Questions tagged [cumulative-distribution-functions]

For questions related to cumulative distribution functions.

The cumulative distribution function $F_X: \Bbb R \to [0,1]$ of a real-valued random variable $X$ is the probability that random variable $X$ will take a value less than $x$. Given the probability distribution of $X$ given by $f_X:\mathbb R\to[0,1]$, this is formally written as: $$F_X(x) := \Bbb P (X \leq x)=\int_{-\infty}^xf_Xdx$$

Every CDF is non-decreasing, right-continuous, and satisfies $\lim_{x\to-\infty}F_X=0$ and $\lim_{x\to\infty}F_X=1$. These conditions are sufficient to be a CDF, as any function satisfying these $4$ conditions is a CDF of some probability distribution.

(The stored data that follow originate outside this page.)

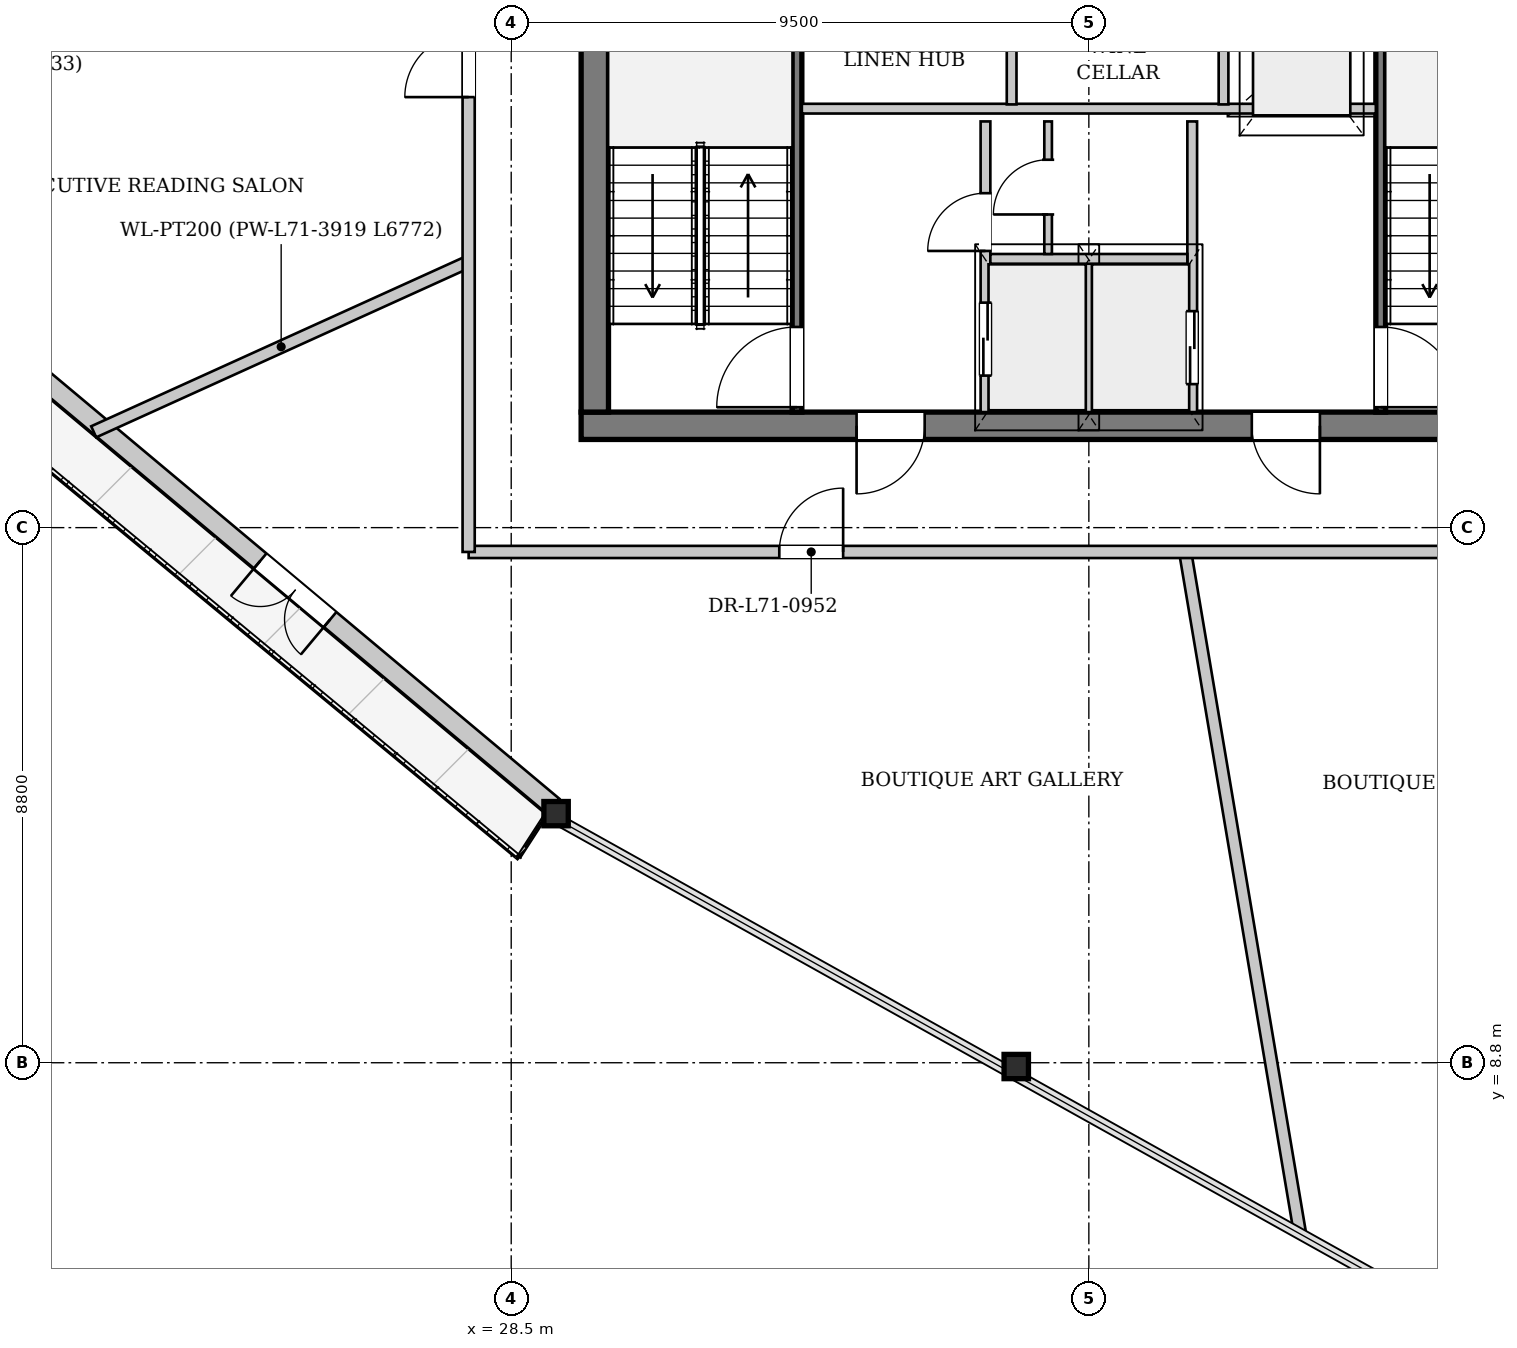
"""IFC4 building model, lengths in metres.
Left out: names, types, materials, properties, quantities, classifications, styles, units other than length and angle.
Written with IfcOpenShell. Run it as: python <this file> out.ifc"""

import sys

from ifc_helpers import new_model, si_unit, direction, frame, frame_2d, origin, origin_2d, place, context, subcontext, project, spatial, rectangle, i_section, extrude, source, transform, mapped, element, fill, save


model = new_model("IFC4")
c1 = context("Model", 3, precision=1e-05, world=origin(), true_north=direction((0.0, 1.0)))
c2 = subcontext(c1, "Body", "Model", "MODEL_VIEW")
j1 = project(units=[si_unit("LENGTHUNIT", "METRE"), si_unit("PLANEANGLEUNIT", "RADIAN")], contexts=[c1])
p1 = place(None, origin())
s1 = spatial("IfcSite", under=j1, at=p1, CompositionType="ELEMENT")
p2 = place(p1, origin())
s2 = spatial("IfcBuilding", under=s1, at=p2, CompositionType="ELEMENT")
p3 = place(p2, frame((0.0, 0.0, 266.9)))
s3 = spatial("IfcBuildingStorey", under=s2, at=p3, CompositionType="ELEMENT", Elevation=266.9)
m1 = source(origin(), c2, "Body", "SweptSolid", [
    extrude(i_section(OverallWidth=0.401, OverallDepth=0.399, WebThickness=0.022, FlangeThickness=0.034, at=origin_2d()), origin(), (0.0, 0.0, 1.0), 3.448),
])
p4 = place(p3, frame((29.086, 12.897, 0.0), z_axis=(0.088141745555, -0.000212389748, 0.996107919646), x_axis=(0.002409631559, 0.999997096834, 0.0)))
e1 = element("IfcColumn", 1, at=p4, inside=s3, PredefinedType="COLUMN", context=c2, shape_type="MappedRepresentation", body=[
    mapped(m1, transform((0.0, 0.0, 0.0), x_axis=(1.0, 0.0, 0.0), y_axis=(0.0, 1.0, 0.0), z_axis=(0.0, 0.0, 1.0), scale=1.0)),
])
m2 = source(origin(), c2, "Body", "SweptSolid", [
    extrude(i_section(OverallWidth=0.401, OverallDepth=0.399, WebThickness=0.022, FlangeThickness=0.034, at=origin_2d()), origin(), (0.0, 0.0, 1.0), 3.454),
])
p5 = place(p3, frame((36.634, 8.685, 0.0), z_axis=(0.099737899065, 0.03032427973, 0.994551551982), x_axis=(-0.290891784188, 0.956755961514, 0.0)))
e2 = element("IfcColumn", 2, at=p5, inside=s3, PredefinedType="COLUMN", context=c2, shape_type="MappedRepresentation", body=[
    mapped(m2, transform((0.0, 0.0, 0.0), x_axis=(1.0, 0.0, 0.0), y_axis=(0.0, 1.0, 0.0), z_axis=(0.0, 0.0, 1.0), scale=1.0)),
])
p6 = place(p3, frame((29.189, 13.02, 0.0), z_axis=(0.0, 0.0, 1.0), x_axis=(-0.76674910501, 0.641946890301, 0.0)))
e3 = element("IfcWall", 3, at=p6, inside=s3, PredefinedType="SOLIDWALL", context=c2, shape_type="SweptSolid", body=[
    extrude(rectangle(XDim=17.287, YDim=0.32, at=frame_2d((8.644, 0.0))), origin(), (0.0, 0.0, 1.0), 2.872),
])
p7 = place(p6, frame((4.782, 0.0, 0.0)))
e4 = element("IfcOpeningElement", 4, at=p7, cuts=e3, PredefinedType="OPENING", context=c2, shape_type="SweptSolid", body=[
    extrude(rectangle(XDim=1.5, YDim=2.3, at=frame_2d((0.75, 1.15))), frame((0.0, 0.17, 0.0), z_axis=(0.0, -1.0, 0.0), x_axis=(1.0, 0.0, 0.0)), (0.0, 0.0, 1.0), 0.34),
])
p8 = place(p6, frame((11.492, 0.0, 0.402)))
e5 = element("IfcOpeningElement", 5, at=p8, cuts=e3, PredefinedType="OPENING", context=c2, shape_type="SweptSolid", body=[
    extrude(rectangle(XDim=2.6, YDim=2.35, at=frame_2d((1.3, 1.175))), frame((0.0, 0.17, 0.0), z_axis=(0.0, -1.0, 0.0), x_axis=(1.0, 0.0, 0.0)), (0.0, 0.0, 1.0), 0.34),
])
p9 = place(p3, frame((46.35, 19.275, 0.0), z_axis=(0.0, 0.0, 1.0), x_axis=(-1.0, 0.0, 0.0)))
e6 = element("IfcWall", 6, at=p9, inside=s3, PredefinedType="SHEAR", context=c2, shape_type="SweptSolid", body=[
    extrude(rectangle(XDim=16.7, YDim=0.45, at=frame_2d((8.35, 0.0))), origin(), (0.0, 0.0, 1.0), 3.38),
])
p10 = place(p9, frame((4.55, 0.0, 0.0)))
e7 = element("IfcOpeningElement", 7, at=p10, cuts=e6, PredefinedType="OPENING", context=c2, shape_type="SweptSolid", body=[
    extrude(rectangle(XDim=1.12, YDim=2.25, at=frame_2d((0.56, 1.125))), frame((0.0, 0.235, 0.0), z_axis=(0.0, -1.0, 0.0), x_axis=(1.0, 0.0, 0.0)), (0.0, 0.0, 1.0), 0.47),
])
p11 = place(p9, frame((11.05, 0.0, 0.0)))
e8 = element("IfcOpeningElement", 8, at=p11, cuts=e6, PredefinedType="OPENING", context=c2, shape_type="SweptSolid", body=[
    extrude(rectangle(XDim=1.12, YDim=2.25, at=frame_2d((0.56, 1.125))), frame((0.0, 0.235, 0.0), z_axis=(0.0, -1.0, 0.0), x_axis=(1.0, 0.0, 0.0)), (0.0, 0.0, 1.0), 0.47),
])
p12 = place(p3, frame((29.875, 19.5, 0.0), z_axis=(0.0, 0.0, 1.0), x_axis=(0.0, 1.0, 0.0)))
e9 = element("IfcWall", 9, at=p12, inside=s3, PredefinedType="SHEAR", context=c2, shape_type="SweptSolid", body=[
    extrude(rectangle(XDim=14.2, YDim=0.45, at=frame_2d((7.1, 0.0))), origin(), (0.0, 0.0, 1.0), 3.38),
])
p13 = place(p12, frame((7.42, 0.0, 0.0)))
e10 = element("IfcOpeningElement", 10, at=p13, cuts=e9, PredefinedType="OPENING", context=c2, shape_type="SweptSolid", body=[
    extrude(rectangle(XDim=1.6, YDim=2.2, at=frame_2d((0.8, 1.1))), frame((0.0, 0.235, 0.0), z_axis=(0.0, -1.0, 0.0), x_axis=(1.0, 0.0, 0.0)), (0.0, 0.0, 1.0), 0.47),
])
p14 = place(p3, frame((33.2, 19.5, 0.0), z_axis=(0.0, 0.0, 1.0), x_axis=(0.0, 1.0, 0.0)))
e11 = element("IfcWall", 11, at=p14, inside=s3, PredefinedType="PARTITIONING", context=c2, shape_type="SweptSolid", body=[
    extrude(rectangle(XDim=7.46, YDim=0.16, at=frame_2d((3.73, 0.0))), origin(), (0.0, 0.0, 1.0), 3.38),
])
p15 = place(p14, frame((0.08, 0.0, 0.0)))
e12 = element("IfcOpeningElement", 12, at=p15, cuts=e11, PredefinedType="OPENING", context=c2, shape_type="SweptSolid", body=[
    extrude(rectangle(XDim=1.32, YDim=2.2, at=frame_2d((0.66, 1.1))), frame((0.0, 0.09, 0.0), z_axis=(0.0, -1.0, 0.0), x_axis=(1.0, 0.0, 0.0)), (0.0, 0.0, 1.0), 0.18),
])
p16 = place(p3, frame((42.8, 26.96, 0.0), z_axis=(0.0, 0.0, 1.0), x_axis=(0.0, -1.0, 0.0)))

The concept of the cumulative distribution function makes an explicit appearance in statistical analysis in two (similar) ways.

  • Cumulative frequency analysis is the analysis of the frequency of occurrence of values of a phenomenon less than a reference value.
  • The empirical distribution function is a formal direct estimate of the cumulative distribution function for which simple statistical properties can be derived and which can form the basis of various statistical hypothesis tests.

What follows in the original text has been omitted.